Mobbing- ein Gesellschaftsproblem
Statistiken belegen1, dass in Deutschland rund eine Millionen Menschen jährlich von Mobbing betroffen sind. Dazu gehören alle Formen von Mobbing, von Hänseleien bis hin zu psychischen Qualen. Mobbing beginnt schon in der Schule und im Kindergarten: So seien heute rund 500.000 Schüler*innen von regelmäßiger Schikane in der Schule betroffen, so Schätzungen von Experten2. 2017 belegte die PISA-Studie der OECD, dass in Deutschland jede/jeder sechste Schüler*in im Alter von 15 Jahren von akutem Mobbing betroffen war. Die Dunkelziffer liegt weit höher.
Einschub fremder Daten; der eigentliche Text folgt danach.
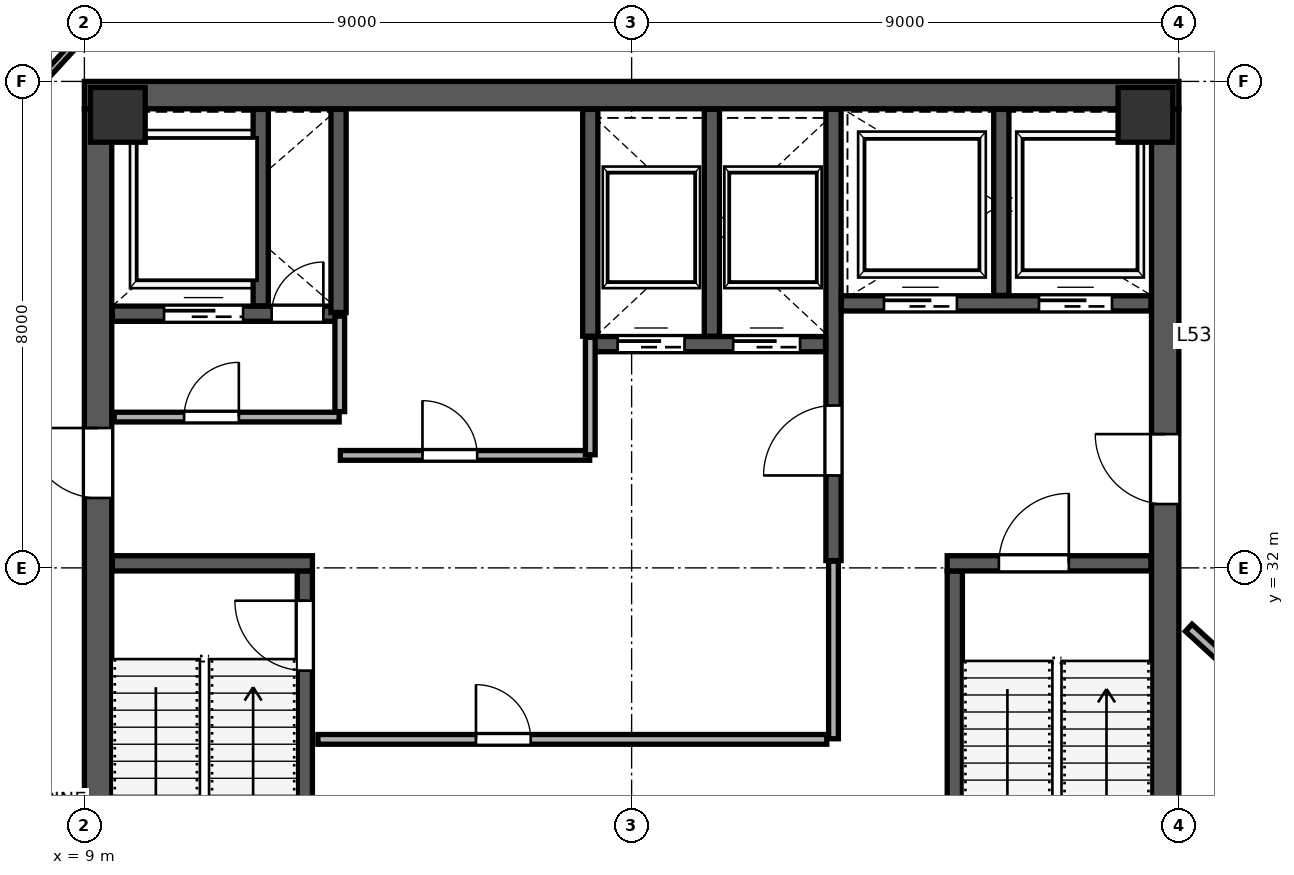
"""IFC4 building model, lengths in metres.
Left out: names, types, materials, properties, quantities, classifications, styles, units other than length and angle.
Written with IfcOpenShell. Run it as: python <this file> out.ifc"""

import sys

from ifc_helpers import new_model, si_unit, direction, frame, frame_2d, origin, origin_2d, place, context, subcontext, project, spatial, rectangle, extrude, source, transform, mapped, element, fill, save


model = new_model("IFC4")
c1 = context("Model", 3, precision=1e-05, world=origin(), true_north=direction((0.0, 1.0)))
c2 = subcontext(c1, "Body", "Model", "MODEL_VIEW")
j1 = project(units=[si_unit("LENGTHUNIT", "METRE"), si_unit("PLANEANGLEUNIT", "RADIAN")], contexts=[c1])
p1 = place(None, origin())
s1 = spatial("IfcSite", under=j1, at=p1, CompositionType="ELEMENT")
p2 = place(p1, origin())
s2 = spatial("IfcBuilding", under=s1, at=p2, CompositionType="ELEMENT")
p3 = place(p2, frame((0.0, 0.0, 237.4)))
s3 = spatial("IfcBuildingStorey", under=s2, at=p3, CompositionType="ELEMENT", Elevation=237.4)
m1 = source(origin(), c2, "Body", "SweptSolid", [
    extrude(rectangle(XDim=0.9, YDim=0.9, at=origin_2d()), origin(), (0.0, 0.0, 1.0), 4.199),
])
for number, where, z_axis, x_axis in (
    (1, (9.55, 39.45, 0.001), (0.0, 0.0, 1.0), (1.0, 0.0, 0.0)),
    (2, (26.45, 39.45, 0.001), (0.0, 0.0, 1.0), (1.0, 0.0, 0.0)),
):
    element("IfcColumn", number, at=place(p3, frame(where, z_axis=z_axis, x_axis=x_axis)), inside=s3, PredefinedType="COLUMN", context=c2, shape_type="MappedRepresentation", body=[
        mapped(m1, transform((0.0, 0.0, 0.0), scale=1.0)),
    ])
p4 = place(p3, frame((9.225, 24.45, 0.0), z_axis=(0.0, 0.0, 1.0), x_axis=(0.0, 1.0, 0.0)))
e3 = element("IfcWall", 3, at=p4, inside=s3, PredefinedType="SHEAR", context=c2, shape_type="SweptSolid", body=[
    extrude(rectangle(XDim=15.1, YDim=0.45, at=frame_2d((7.55, 0.0))), origin(), (0.0, 0.0, 1.0), 3.96),
])
p5 = place(p4, frame((8.7, 0.0, 0.0)))
e4 = element("IfcOpeningElement", 4, at=p5, cuts=e3, PredefinedType="OPENING", context=c2, shape_type="SweptSolid", body=[
    extrude(rectangle(XDim=1.15, YDim=2.2, at=frame_2d((0.575, 1.1))), frame((0.0, 0.235, 0.0), z_axis=(0.0, -1.0, 0.0), x_axis=(1.0, 0.0, 0.0)), (0.0, 0.0, 1.0), 0.47),
])
p6 = place(p3, frame((26.775, 24.45, 0.0), z_axis=(0.0, 0.0, 1.0), x_axis=(0.0, 1.0, 0.0)))
e5 = element("IfcWall", 5, at=p6, inside=s3, PredefinedType="SHEAR", context=c2, shape_type="SweptSolid", body=[
    extrude(rectangle(XDim=15.1, YDim=0.45, at=frame_2d((7.55, 0.0))), origin(), (0.0, 0.0, 1.0), 3.96),
])
p7 = place(p6, frame((8.6, 0.0, 0.0)))
e6 = element("IfcOpeningElement", 6, at=p7, cuts=e5, PredefinedType="OPENING", context=c2, shape_type="SweptSolid", body=[
    extrude(rectangle(XDim=1.15, YDim=2.2, at=frame_2d((0.575, 1.1))), frame((0.0, 0.235, 0.0), z_axis=(0.0, -1.0, 0.0), x_axis=(1.0, 0.0, 0.0)), (0.0, 0.0, 1.0), 0.47),
])
p8 = place(p3, frame((9.0, 39.775, 0.0), z_axis=(0.0, 0.0, 1.0), x_axis=(1.0, 0.0, 0.0)))
e7 = element("IfcWall", 7, at=p8, inside=s3, PredefinedType="SHEAR", context=c2, shape_type="SweptSolid", body=[
    extrude(rectangle(XDim=18.0, YDim=0.45, at=frame_2d((9.0, 0.0))), origin(), (0.0, 0.0, 1.0), 3.96),
])
p9 = place(p3, frame((12.625, 24.46, 0.0), z_axis=(0.0, 0.0, 1.0), x_axis=(0.0, 1.0, 0.0)))
e8 = element("IfcWall", 8, at=p9, inside=s3, PredefinedType="SHEAR", context=c2, shape_type="SweptSolid", body=[
    extrude(rectangle(XDim=7.49, YDim=0.25, at=frame_2d((3.745, 0.0))), origin(), (0.0, 0.0, 1.0), 3.96),
])
p10 = place(p9, frame((5.85, 0.0, 0.0)))
e9 = element("IfcOpeningElement", 9, at=p10, cuts=e8, PredefinedType="OPENING", context=c2, shape_type="SweptSolid", body=[
    extrude(rectangle(XDim=1.15, YDim=2.2, at=frame_2d((0.575, 1.1))), frame((0.0, 0.135, 0.0), z_axis=(0.0, -1.0, 0.0), x_axis=(1.0, 0.0, 0.0)), (0.0, 0.0, 1.0), 0.27),
])
p11 = place(p3, frame((9.46, 32.075, 0.0), z_axis=(0.0, 0.0, 1.0), x_axis=(1.0, 0.0, 0.0)))
e10 = element("IfcWall", 10, at=p11, inside=s3, PredefinedType="SHEAR", context=c2, shape_type="SweptSolid", body=[
    extrude(rectangle(XDim=3.29, YDim=0.25, at=frame_2d((1.645, 0.0))), origin(), (0.0, 0.0, 1.0), 3.96),
])
p12 = place(p3, frame((23.315, 24.46, 0.0), z_axis=(0.0, 0.0, 1.0), x_axis=(0.0, 1.0, 0.0)))
e11 = element("IfcWall", 11, at=p12, inside=s3, PredefinedType="SHEAR", context=c2, shape_type="SweptSolid", body=[
    extrude(rectangle(XDim=7.49, YDim=0.25, at=frame_2d((3.745, 0.0))), origin(), (0.0, 0.0, 1.0), 3.96),
])
p13 = place(p3, frame((23.19, 32.075, 0.0), z_axis=(0.0, 0.0, 1.0), x_axis=(1.0, 0.0, 0.0)))
e12 = element("IfcWall", 12, at=p13, inside=s3, PredefinedType="SHEAR", context=c2, shape_type="SweptSolid", body=[
    extrude(rectangle(XDim=3.35, YDim=0.25, at=frame_2d((1.675, 0.0))), origin(), (0.0, 0.0, 1.0), 3.96),
])
p14 = place(p13, frame((0.85, 0.0, 0.0)))
e13 = element("IfcOpeningElement", 13, at=p14, cuts=e12, PredefinedType="OPENING", context=c2, shape_type="SweptSolid", body=[
    extrude(rectangle(XDim=1.15, YDim=2.2, at=frame_2d((0.575, 1.1))), frame((0.0, 0.135, 0.0), z_axis=(0.0, -1.0, 0.0), x_axis=(1.0, 0.0, 0.0)), (0.0, 0.0, 1.0), 0.27),
])
p15 = place(p3, frame((21.32, 32.12, 0.0), z_axis=(0.0, 0.0, 1.0), x_axis=(0.0, 1.0, 0.0)))
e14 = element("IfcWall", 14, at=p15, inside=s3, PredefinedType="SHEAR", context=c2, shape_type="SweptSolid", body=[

Doch nicht erst Mobbing in der Schule wird zunehmend zum Problem. Heute wird Mobbing in der Familie immer mehr zu einem ernstzunehmenden Phänomen, das Kinder und Erwachsene gleichermaßen stark betrifft.
Was genau ist Mobbing eigentlich?
Als Mobbing wird eine systematische Form der persönlichen Degradierung und Schikane bezeichnet. Sie hält typischerweise über einen längeren Zeitraum an (Psychoterror). Nach dieser Definition zeichnet sich Mobbing also vor allem durch seinen Wiederholungscharakter aus – eine einzelne Schikane oder ein Streit, der unter die Gürtellinie geht, kann noch nicht als Mobbing bezeichnet werden. Ziele der Mobbenden sind:
- Beleidigung des Gegenübers
- Anhaltende Schikane und Hänselei
- Ausgrenzung aus einer Gruppe oder der Familie
Mobbing kann unterschiedliche Ausprägungen haben. So unterscheiden Expert*innen zwischen aktivem/direktem Mobbing und passivem/indirekten Mobbing. Auch die Gewalt an sich kann nochmal unterteilt werden.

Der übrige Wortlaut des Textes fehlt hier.